Major investors are powering the churn of delinquencies and defaults in the office market
Prominent creditors are choosing not to service some debts, willing to cut losses rather than grapple with struggling properties, the Wall Street Journal reported. Brookfield Asset Management, Columbia Property Trust and Blackstone are among those dealing with commercial distress.
More than a quarter of the $7.7 billion in office loans sent to special servicing are owed by big-name investors, according to Trepp. Delinquency rates remain low, but are creeping upwards.

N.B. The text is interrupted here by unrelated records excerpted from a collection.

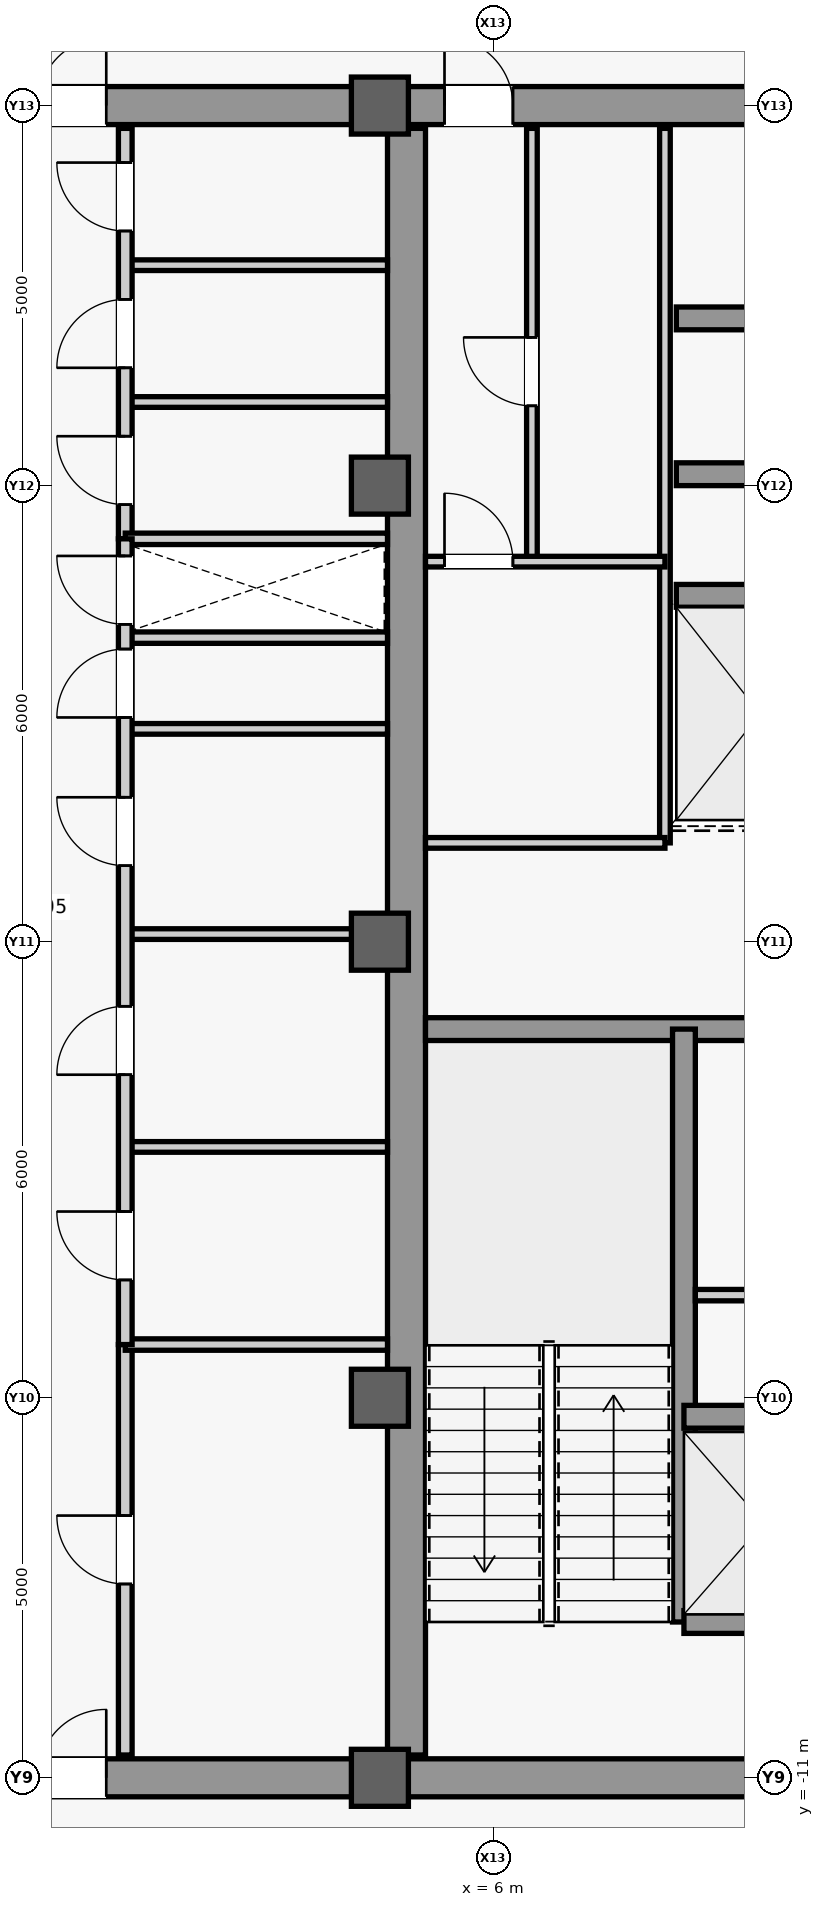
"""IFC4 building model, lengths in metres.
Left out: names, types, materials, properties, quantities, classifications, styles, units other than length and angle.
Written with IfcOpenShell. Run it as: python <this file> out.ifc"""

import sys

from ifc_helpers import new_model, si_unit, direction, frame, frame_2d, origin, origin_2d, place, context, subcontext, project, spatial, rectangle, extrude, source, transform, mapped, element, fill, save


model = new_model("IFC4")
c1 = context("Model", 3, precision=1e-05, world=origin(), true_north=direction((0.0, 1.0)))
c2 = subcontext(c1, "Body", "Model", "MODEL_VIEW")
j1 = project(units=[si_unit("LENGTHUNIT", "METRE"), si_unit("PLANEANGLEUNIT", "RADIAN")], contexts=[c1])
p1 = place(None, origin())
s1 = spatial("IfcSite", under=j1, at=p1, CompositionType="ELEMENT")
p2 = place(p1, origin())
s2 = spatial("IfcBuilding", under=s1, at=p2, CompositionType="ELEMENT")
p3 = place(p2, frame((0.0, 0.0, 380.3)))
s3 = spatial("IfcBuildingStorey", under=s2, at=p3, CompositionType="ELEMENT", Elevation=380.3)
m1 = source(origin(), c2, "Body", "SweptSolid", [
    extrude(rectangle(XDim=21.4, YDim=0.5, at=frame_2d((10.7, 0.0))), origin(), (0.0, 0.0, 1.0), 4.45),
])
p4 = place(p3, frame((4.85, -10.7, 0.0), z_axis=(0.0, 0.0, 1.0), x_axis=(0.0, 1.0, 0.0)))
e1 = element("IfcWall", 1, at=p4, inside=s3, PredefinedType="SHEAR", context=c2, shape_type="MappedRepresentation", body=[
    mapped(m1, transform((0.0, 0.0, 0.0), scale=1.0)),
])
m2 = source(origin(), c2, "Body", "SweptSolid", [
    extrude(rectangle(XDim=5.9, YDim=0.5, at=frame_2d((2.95, 0.0))), origin(), (0.0, 0.0, 1.0), 4.45),
])
p5 = place(p3, frame((4.85, -11.0, 0.0), z_axis=(0.0, 0.0, 1.0), x_axis=(1.0, 0.0, 0.0)))
e2 = element("IfcWall", 2, at=p5, inside=s3, PredefinedType="SHEAR", context=c2, shape_type="MappedRepresentation", body=[
    mapped(m2, transform((0.0, 0.0, 0.0), scale=1.0)),
])
p6 = place(p3, frame((4.85, 11.0, 0.0), z_axis=(0.0, 0.0, 1.0), x_axis=(1.0, 0.0, 0.0)))
e3 = element("IfcWall", 3, at=p6, inside=s3, PredefinedType="SHEAR", context=c2, shape_type="MappedRepresentation", body=[
    mapped(m2, transform((0.0, 0.0, 0.0), scale=1.0)),
])
m3 = source(origin(), c2, "Body", "SweptSolid", [
    extrude(rectangle(XDim=0.9, YDim=2.15, at=frame_2d((0.45, 1.075))), frame((0.0, 0.26, 0.0), z_axis=(0.0, -1.0, 0.0), x_axis=(1.0, 0.0, 0.0)), (0.0, 0.0, 1.0), 0.52),
])
p7 = place(p6, frame((0.5, 0.0, 0.0)))
e4 = element("IfcOpeningElement", 4, at=p7, cuts=e3, PredefinedType="OPENING", context=c2, shape_type="MappedRepresentation", body=[
    mapped(m3, transform((0.0, 0.0, 0.0), scale=1.0)),
])
m4 = source(origin(), c2, "Body", "SweptSolid", [
    extrude(rectangle(XDim=5.65, YDim=0.3, at=frame_2d((2.825, 0.0))), origin(), (0.0, 0.0, 1.0), 4.45),
])
p8 = place(p3, frame((5.1, -1.15, 0.0), z_axis=(0.0, 0.0, 1.0), x_axis=(1.0, 0.0, 0.0)))
e5 = element("IfcWall", 5, at=p8, inside=s3, PredefinedType="SHEAR", context=c2, shape_type="MappedRepresentation", body=[
    mapped(m4, transform((0.0, 0.0, 0.0), scale=1.0)),
])
m5 = source(origin(), c2, "Body", "SweptSolid", [
    extrude(rectangle(XDim=9.2, YDim=0.5, at=frame_2d((4.6, 0.0))), origin(), (0.0, 0.0, 1.0), 4.45),
])
p9 = place(p3, frame((-4.6, -11.0, 0.0), z_axis=(0.0, 0.0, 1.0), x_axis=(1.0, 0.0, 0.0)))
e6 = element("IfcWall", 6, at=p9, inside=s3, PredefinedType="SHEAR", context=c2, shape_type="MappedRepresentation", body=[
    mapped(m5, transform((0.0, 0.0, 0.0), scale=1.0)),
])
m6 = source(origin(), c2, "Body", "SweptSolid", [
    extrude(rectangle(XDim=1.8, YDim=2.25, at=frame_2d((0.9, 1.125))), frame((0.0, 0.26, 0.0), z_axis=(0.0, -1.0, 0.0), x_axis=(1.0, 0.0, 0.0)), (0.0, 0.0, 1.0), 0.52),
])
p10 = place(p9, frame((3.7, 0.0, 0.0)))
e7 = element("IfcOpeningElement", 7, at=p10, cuts=e6, PredefinedType="OPENING", context=c2, shape_type="MappedRepresentation", body=[
    mapped(m6, transform((0.0, 0.0, 0.0), scale=1.0)),
])
p11 = place(p3, frame((-4.6, 11.0, 0.0), z_axis=(0.0, 0.0, 1.0), x_axis=(1.0, 0.0, 0.0)))
e8 = element("IfcWall", 8, at=p11, inside=s3, PredefinedType="SHEAR", context=c2, shape_type="MappedRepresentation", body=[
    mapped(m5, transform((0.0, 0.0, 0.0), scale=1.0)),
])
p12 = place(p11, frame((3.7, 0.0, 0.0)))
e9 = element("IfcOpeningElement", 9, at=p12, cuts=e8, PredefinedType="OPENING", context=c2, shape_type="MappedRepresentation", body=[
    mapped(m6, transform((0.0, 0.0, 0.0), scale=1.0)),
])
m7 = source(origin(), c2, "Body", "SweptSolid", [
    extrude(rectangle(XDim=0.75, YDim=0.75, at=origin_2d()), origin(), (0.0, 0.0, 1.0), 4.8),
])
for number, where, z_axis, x_axis in (
    (10, (4.5, -11.0, 0.0), (0.0, 0.0, 1.0), (1.0, 0.0, 0.0)),
    (11, (4.5, -6.0, 0.0), (0.0, 0.0, 1.0), (1.0, 0.0, 0.0)),
    (12, (4.5, 0.0, 0.0), (0.0, 0.0, 1.0), (1.0, 0.0, 0.0)),
    (13, (4.5, 6.0, 0.0), (0.0, 0.0, 1.0), (1.0, 0.0, 0.0)),
    (14, (4.5, 11.0, 0.0), (0.0, 0.0, 1.0), (1.0, 0.0, 0.0)),
):
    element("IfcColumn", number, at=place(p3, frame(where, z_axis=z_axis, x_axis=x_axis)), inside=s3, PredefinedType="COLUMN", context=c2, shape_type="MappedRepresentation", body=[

A Brookfield loan on EY Plaza in Downtown Los Angeles was sent last week to special servicing after the owner fell behind on its $275 million loan. The building is part of the same portfolio as two other office buildings in the same area, where Brookfield defaulted earlier this year (delinquency doesn’t guarantee default).
Columbia Property Trust, owned by Pimco, defaulted on a $1.7 billion office loan earlier this year. Blackstone, meanwhile, has sent a couple of loans to special servicing.
Blue-chip investors playing a critical role in commercial defaults are more likely to back off a losing property when compared to smaller property owners, whose records could be scarred by a single foreclosure.
Institutions also carry the burden of acting in the best interest of investors. If the dollars of default or delinquency make more sense, they can make an empirical decision to cut losses and live for another day, unlike small investors that may have a larger interest in keeping a particular building at all costs.
“The thinking was that the institutions would be the last to give the keys back, but it may be the other way around in some cases,” CBRE executive Rachel Vinson told the Journal.
Concerns around vacancies, interest rates and defaults have been swarming around the office sector and the risk of distress have crept up on Class A offices, which appear to be losing their grip on resisting the troubles affecting the rest of the market.